—Hay que casarnos en cuanto te divorcies de Roberto —dijo.
Sentía su suave aliento en mi cabello. Estaba de pie tan cerca de mí. Entré en pánico. Deseé que pudiera desaparecer en ese momento. No sé lo que me había pasado. Se trataba de Andrés, el hombre con quien soñé encontrarme noche tras noche. Estaba parado frente a mí, confesándome su amor. Y, sin embargo, todo lo que quería era huir.
De repente, me abrazo. Me llevó a sus brazos sin esfuerzo. Su abrazo fue cálido y acogedor. No obstante, me quedé tiesa como un tronco. Pude oír que murmuraba en mi oído:
-Pasaremos el resto de nuestra vida juntos, Isabela. Estaremos juntos por siempre. Nunca te dejaré...
Por siempre. Qué frase tan hermosa. Siempre le temí a la soledad. Amaba a mi padre y a mi madre, pero no pudieron quedarse conmigo por siempre. ¿Andrés podría hacerlo? Quizás debía preguntarme si eso es lo que yo
necesitaba.
Temblé entre sus brazos. Me sostuvo la cara con las manos, su semblante era como un suave arroyo que corría por mi rostro mientras me decía:
-No temas, Isabela. Te protegeré. Nadie puede hacerte daño.
Su bello rostro y sus dulces labios tibios se acercaron a los míos. Pude oler la fragancia de su cabello. Sentí espasmos en el vientre. El mismísimo diablo me estaba dando pisotones y pinchaba el interior de mi estómago con su tridente.
Debería haberme sentido llena de alegría por la confesión de amor de alguien a quien había amado en secreto por tanto tiempo. Sin embargo, mi reacción era la contraria. Qué extraño. El miedo me hizo paralizarme mientras los labios de Andrés se acercaban cada vez más. Me olvidé por completo de esquivarlo. Justo cuando nuestros labios iban a tocarse, una luz volvió a resplandecer súbitamente. Fue como si me golpeara un rayo. Salté de los brazos de Andrés y grité:
-¡Rayo! Creo que vi un rayo.
Me torcí el tobillo y casi me caí. Andrés miró hacia el cielo.
-No hay rayos. El clima está perfecto hoy.
En ese momento dejé de apretar el puño. La correa se me soltó de la mano. Bombón salió corriendo.
—¡Bombón! ¡Bombón se escapó! —grité y comencé a perseguirlo.

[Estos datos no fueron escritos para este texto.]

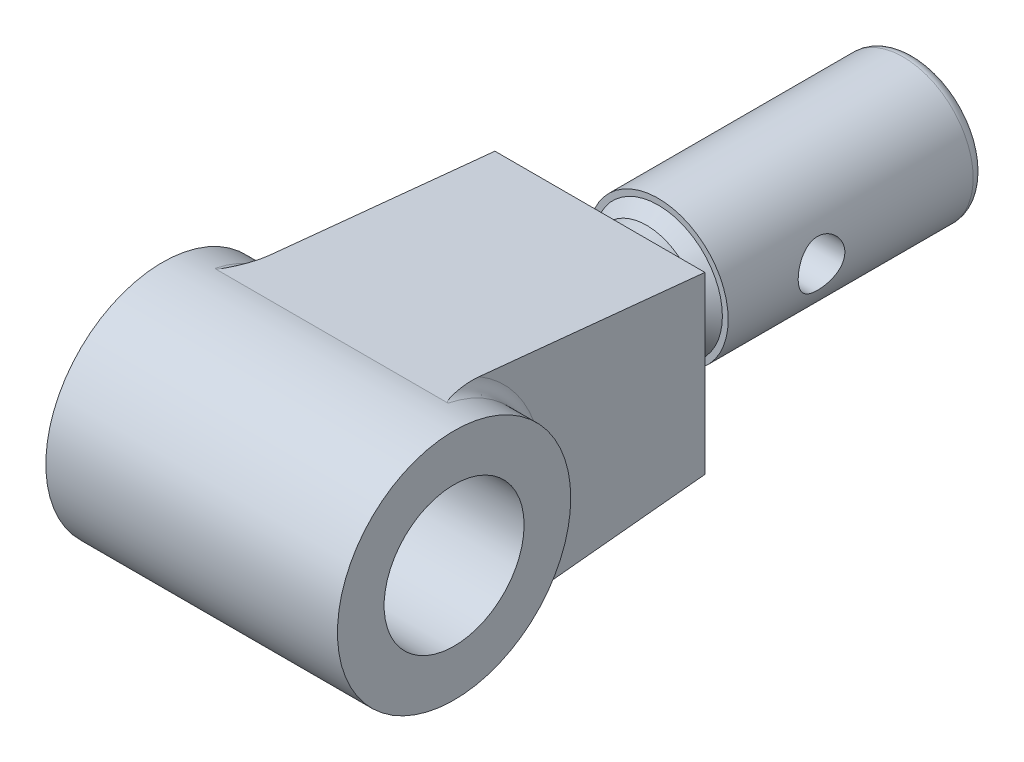
ISO-10303-21;
HEADER;
FILE_DESCRIPTION(('STEP AP214'),'2;1');
FILE_NAME('part.step','',(''),(''),'','','');
FILE_SCHEMA(('AUTOMOTIVE_DESIGN { 1 0 10303 214 1 1 1 1 }'));
ENDSEC;
DATA;
#1=APPLICATION_CONTEXT('core data for automotive mechanical design processes');
#2=APPLICATION_PROTOCOL_DEFINITION('international standard','automotive_design',2000,#1);
#3=PRODUCT_CONTEXT('',#1,'mechanical');
#4=PRODUCT('Part','Part','',(#3));
#5=PRODUCT_RELATED_PRODUCT_CATEGORY('part','',(#4));
#6=PRODUCT_DEFINITION_FORMATION('','',#4);
#7=PRODUCT_DEFINITION_CONTEXT('part definition',#1,'design');
#8=PRODUCT_DEFINITION('design','',#6,#7);
#9=PRODUCT_DEFINITION_SHAPE('','',#8);
#10=(LENGTH_UNIT() NAMED_UNIT(*) SI_UNIT(.MILLI.,.METRE.));
#11=(NAMED_UNIT(*) PLANE_ANGLE_UNIT() SI_UNIT($,.RADIAN.));
#12=(NAMED_UNIT(*) SI_UNIT($,.STERADIAN.) SOLID_ANGLE_UNIT());
#13=UNCERTAINTY_MEASURE_WITH_UNIT(LENGTH_MEASURE(1.E-05),#10,'distance_accuracy_value','');
#14=(GEOMETRIC_REPRESENTATION_CONTEXT(3) GLOBAL_UNCERTAINTY_ASSIGNED_CONTEXT((#13)) GLOBAL_UNIT_ASSIGNED_CONTEXT((#10,
#11,#12)) REPRESENTATION_CONTEXT('',''));
#15=CARTESIAN_POINT('',(0.,0.,0.));
#16=DIRECTION('',(0.,0.,1.));
#17=DIRECTION('',(1.,0.,0.));
#18=AXIS2_PLACEMENT_3D('',#15,#16,#17);
#19=CARTESIAN_POINT('',(0.,4.75247524752475,-0.475247524752475));
#20=DIRECTION('',(0.,0.995037190209989,-0.0995037190209989));
#21=DIRECTION('',(0.,0.0995037190209989,0.995037190209989));
#22=AXIS2_PLACEMENT_3D('',#19,#20,#21);
#23=PLANE('',#22);
#24=DIRECTION('',(0.,-0.0995037190209989,-0.995037190209989));
#25=VECTOR('',#24,1.);
#26=CARTESIAN_POINT('',(-9.,10.,52.));
#27=LINE('',#26,#25);
#28=CARTESIAN_POINT('',(-9.,9.43438132008126,46.3438132008126));
#29=VERTEX_POINT('',#28);
#30=CARTESIAN_POINT('',(-9.,7.5,27.));
#31=VERTEX_POINT('',#30);
#32=EDGE_CURVE('E120',#29,#31,#27,.T.);
#33=ORIENTED_EDGE('',*,*,#32,.F.);
#34=CARTESIAN_POINT('',(-9.,9.43438132008126,46.3438132008126));
#35=CARTESIAN_POINT('',(-9.00001459803866,9.44279857819186,46.4279857819186));
#36=CARTESIAN_POINT('',(-9.00195007259903,9.45121395233566,46.5121395233566));
#37=CARTESIAN_POINT('',(-9.00925721243809,9.46802699368894,46.6802699368894));
#38=CARTESIAN_POINT('',(-9.01462757621855,9.47642466639695,46.7642466639695));
#39=CARTESIAN_POINT('',(-9.02839065402064,9.4931839174512,46.931839174512));
#40=CARTESIAN_POINT('',(-9.03677945197559,9.50154552842399,47.0154552842398));
#41=CARTESIAN_POINT('',(-9.05626603490288,9.51823793957924,47.1823793957924));
#42=CARTESIAN_POINT('',(-9.06736410968055,9.52656873636875,47.2656873636875));
#43=CARTESIAN_POINT('',(-9.1042239175738,9.55145319834917,47.5145319834917));
#44=CARTESIAN_POINT('',(-9.13360055531106,9.5679543693951,47.679543693951));
#45=CARTESIAN_POINT('',(-9.20036560076197,9.60079627564721,48.0079627564722));
#46=CARTESIAN_POINT('',(-9.23775582627735,9.61713697357066,48.1713697357066));
#47=CARTESIAN_POINT('',(-9.30382525269167,9.64337755100343,48.4337755100343));
#48=CARTESIAN_POINT('',(-9.3303085460812,9.65333275535504,48.5333275535504));
#49=CARTESIAN_POINT('',(-9.38591969959388,9.6731705062701,48.7317050627009));
#50=CARTESIAN_POINT('',(-9.41504775619662,9.68305304737633,48.8305304737633));
#51=CARTESIAN_POINT('',(-9.4868107569843,9.70619439893835,49.0619439893834));
#52=CARTESIAN_POINT('',(-9.53059368398147,9.71941852182165,49.1941852182164));
#53=CARTESIAN_POINT('',(-9.6098255608624,9.74130040667283,49.4130040667283));
#54=CARTESIAN_POINT('',(-9.64327328731144,9.7500283022922,49.500283022922));
#55=CARTESIAN_POINT('',(-9.70409318445665,9.7644107399891,49.644107399891));
#56=CARTESIAN_POINT('',(-9.72984469495091,9.77013184956829,49.7013184956829));
#57=CARTESIAN_POINT('',(-9.77730952141487,9.77951878900499,49.7951878900499));
#58=CARTESIAN_POINT('',(-9.79763054155861,9.78325029234061,49.8325029234061));
#59=CARTESIAN_POINT('',(-9.83152593740173,9.788625396293,49.88625396293));
#60=CARTESIAN_POINT('',(-9.84336282293241,9.79037636611875,49.9037636611875));
#61=CARTESIAN_POINT('',(-9.86880656445889,9.79374682709678,49.9374682709678));
#62=CARTESIAN_POINT('',(-9.88240732968119,9.79536674089937,49.9536674089937));
#63=CARTESIAN_POINT('',(-9.90362979230834,9.7974453615268,49.974453615268));
#64=CARTESIAN_POINT('',(-9.91003887946058,9.79802485359438,49.9802485359437));
#65=CARTESIAN_POINT('',(-9.92347492697489,9.79911049653625,49.9911049653625));
#66=CARTESIAN_POINT('',(-9.93050194685285,9.79961664033359,49.9961664033359));
#67=CARTESIAN_POINT('',(-9.94390664000616,9.80043519672147,50.0043519672147));
#68=CARTESIAN_POINT('',(-9.95016816320597,9.80076611032304,50.0076611032304));
#69=CARTESIAN_POINT('',(-9.96313447059713,9.80132304768613,50.0132304768613));
#70=CARTESIAN_POINT('',(-9.96983721587579,9.80154951986671,50.015495198667));
#71=CARTESIAN_POINT('',(-9.98050267325267,9.80179749812321,50.017974981232));
#72=CARTESIAN_POINT('',(-9.98435828622742,9.8018653659966,50.018653659966));
#73=CARTESIAN_POINT('',(-9.99214094724413,9.80195700184466,50.0195700184466));
#74=CARTESIAN_POINT('',(-9.99606825420468,9.80198055014812,50.0198055014812));
#75=CARTESIAN_POINT('',(-10.0000000000001,9.80198019801976,50.0198019801975));
#76=B_SPLINE_CURVE_WITH_KNOTS('',3,(#34,#35,#36,#37,#38,#39,#40,#41,#42,#43,#44,#45,#46,#47,#48,
#49,#50,#51,#52,#53,#54,#55,#56,#57,#58,#59,#60,#61,#62,#63,#64,#65,#66,#67,#68,#69,#70,#71,#72,
#73,#74,#75),.UNSPECIFIED.,.F.,.F.,(4,2,2,2,2,2,2,2,2,2,2,2,2,2,2,2,2,2,2,2,4),(0.,
0.253728248763544,0.50736041542031,0.760664703401632,1.0139960986604,1.51898381324695,
2.02408620068496,2.33453599252592,2.64500886659734,3.06465085368098,3.34614880138818,
3.53504977951506,3.66278598087976,3.72636749640768,3.78973503293948,3.81567904004432,
3.8416255486758,3.86282853734113,3.88393962347977,3.89566215237055,3.90744263283122),.UNSPECIFIED.);
#77=CARTESIAN_POINT('',(-10.,9.80198019801981,50.0198019801981));
#78=VERTEX_POINT('',#77);
#79=EDGE_CURVE('E199',#29,#78,#76,.T.);
#80=ORIENTED_EDGE('',*,*,#79,.T.);
#81=DIRECTION('',(-1.,0.,0.));
#82=VECTOR('',#81,1.);
#83=CARTESIAN_POINT('',(12.5,9.80198019801981,50.0198019801981));
#84=LINE('',#83,#82);
#85=CARTESIAN_POINT('',(10.,9.80198019801981,50.0198019801981));
#86=VERTEX_POINT('',#85);
#87=EDGE_CURVE('E301',#78,#86,#84,.F.);
#88=ORIENTED_EDGE('',*,*,#87,.T.);
#89=CARTESIAN_POINT('',(10.,9.80198019801981,50.0198019801981));
#90=CARTESIAN_POINT('',(9.99296283793337,9.8019830885568,50.0198308855679));
#91=CARTESIAN_POINT('',(9.9859739614328,9.80190604043413,50.0190604043413));
#92=CARTESIAN_POINT('',(9.97240162965833,9.80162164853154,50.0162164853154));
#93=CARTESIAN_POINT('',(9.96581297534647,9.80141682642845,50.0141682642845));
#94=CARTESIAN_POINT('',(9.95111577822541,9.80082606313095,50.0082606313095));
#95=CARTESIAN_POINT('',(9.9431596448763,9.80040386580161,50.0040386580161));
#96=CARTESIAN_POINT('',(9.92794689579799,9.79944115886432,49.9944115886432));
#97=CARTESIAN_POINT('',(9.9206967876948,9.79889967585072,49.9889967585072));
#98=CARTESIAN_POINT('',(9.89592157562899,9.7968346648186,49.968346648186));
#99=CARTESIAN_POINT('',(9.88017272745921,9.79510616822487,49.9510616822487));
#100=CARTESIAN_POINT('',(9.85104447318803,9.79146606575537,49.9146606575537));
#101=CARTESIAN_POINT('',(9.83767936146509,9.78955345459827,49.8955345459827));
#102=CARTESIAN_POINT('',(9.81123761684502,9.78544512334652,49.8544512334651));
#103=CARTESIAN_POINT('',(9.79831048995985,9.78323981166724,49.8323981166724));
#104=CARTESIAN_POINT('',(9.77362495347973,9.77876478882271,49.7876478882271));
#105=CARTESIAN_POINT('',(9.76186765275939,9.77649501912824,49.7649501912824));
#106=CARTESIAN_POINT('',(9.72776607611959,9.76961556971392,49.6961556971392));
#107=CARTESIAN_POINT('',(9.70665112444375,9.7649457938296,49.649457938296));
#108=CARTESIAN_POINT('',(9.6662841980086,9.75551863142072,49.5551863142072));
#109=CARTESIAN_POINT('',(9.64703609746953,9.7507610861013,49.507610861013));
#110=CARTESIAN_POINT('',(9.60990653921663,9.741201996385,49.41201996385));
#111=CARTESIAN_POINT('',(9.59202302563084,9.73640053089024,49.3640053089024));
#112=CARTESIAN_POINT('',(9.53996928538504,9.7219691644136,49.219691644136));
#113=CARTESIAN_POINT('',(9.50728943722673,9.71228622272415,49.1228622272415));
#114=CARTESIAN_POINT('',(9.44483288869146,9.69282715969789,48.9282715969789));
#115=CARTESIAN_POINT('',(9.41505676766696,9.68305102019161,48.8305102019161));
#116=CARTESIAN_POINT('',(9.35808466058524,9.66341027274887,48.6341027274887));
#117=CARTESIAN_POINT('',(9.33089218385423,9.65354556385435,48.5354556385435));
#118=CARTESIAN_POINT('',(9.27911674500741,9.63374849171869,48.3374849171869));
#119=CARTESIAN_POINT('',(9.25453388737009,9.62381612578577,48.2381612578577));
#120=CARTESIAN_POINT('',(9.18510710789731,9.59401519656019,47.9401519656019));
#121=CARTESIAN_POINT('',(9.14431729261801,9.57405098307125,47.7405098307125));
#122=CARTESIAN_POINT('',(9.0759304674414,9.5339160612927,47.339160612927));
#123=CARTESIAN_POINT('',(9.04831757473376,9.51374563168741,47.1374563168741));
#124=CARTESIAN_POINT('',(9.01991153697103,9.48367802750643,46.8367802750643));
#125=CARTESIAN_POINT('',(9.01263009290031,9.47384138978838,46.7384138978838));
#126=CARTESIAN_POINT('',(9.00268266275587,9.45413163230314,46.5413163230314));
#127=CARTESIAN_POINT('',(9.00002319134237,9.44425848066686,46.4425848066686));
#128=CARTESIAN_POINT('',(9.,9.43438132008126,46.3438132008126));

Bombón volteó y me miró. Mi falda volaba a causa del movimiento. Seguramente el perro creyó que estaba jugando con él, así que corrió más rápido. No había manera de que lo atrapara. Por otro lado, Andrés me alcanzó y me tomó de la muñeca.
-Deja de perseguirlo. Hay que descansar un poco. Bombón volverá a buscarnos.
Ir tras Bombón era mi única excusa para salir de una situación sobre la cual no tenía control. Comencé a jadear de tanto correr.
—Se escapará.
-No lo hará. Correrá más rápido si lo persigues. En cuanto dejes de hacerlo, dejará de correr —dijo Andrés mientras me hacía detenerme.
Ahora yo jadeaba vigorosamente. Tenía razón. El trasero blanco y esponjoso que iba delante de nosotros comenzó a reducir la velocidad. Me incliné hacia delante, apoyando las palmas de las manos sobre las rodillas. Sentí que escupiría los pulmones la próxima vez que resollara.
Después de un rato, la bola de pelos blancos se dio la vuelta y vino corriendo. Se detuvo frente a mí y meneó la cola enérgicamente.
-Casi me muero por tanto correr. Es tu culpa —dije mientras le acariciaba la cabeza al perro.
-¿No te lo dije? Volvió en cuanto dejaste de perseguirlo. Sabe que somos sus dueños. No va a huir. -Andrés tomó la correa y me la puso en la mano. Luego, me tomó la otra y dijo: -¿Estás cansada? ¿Quieres sentarte?
Levanté la mano y miré mi reloj de muñeca. Eran casi las once.
—Tengo que trabajar mañana. Déjame pedir un taxi.
-Yo te llevó a casa.
-No trajiste el auto.
-Iré por él.
-Es demasiado problema. Mejor sólo pediré un taxi.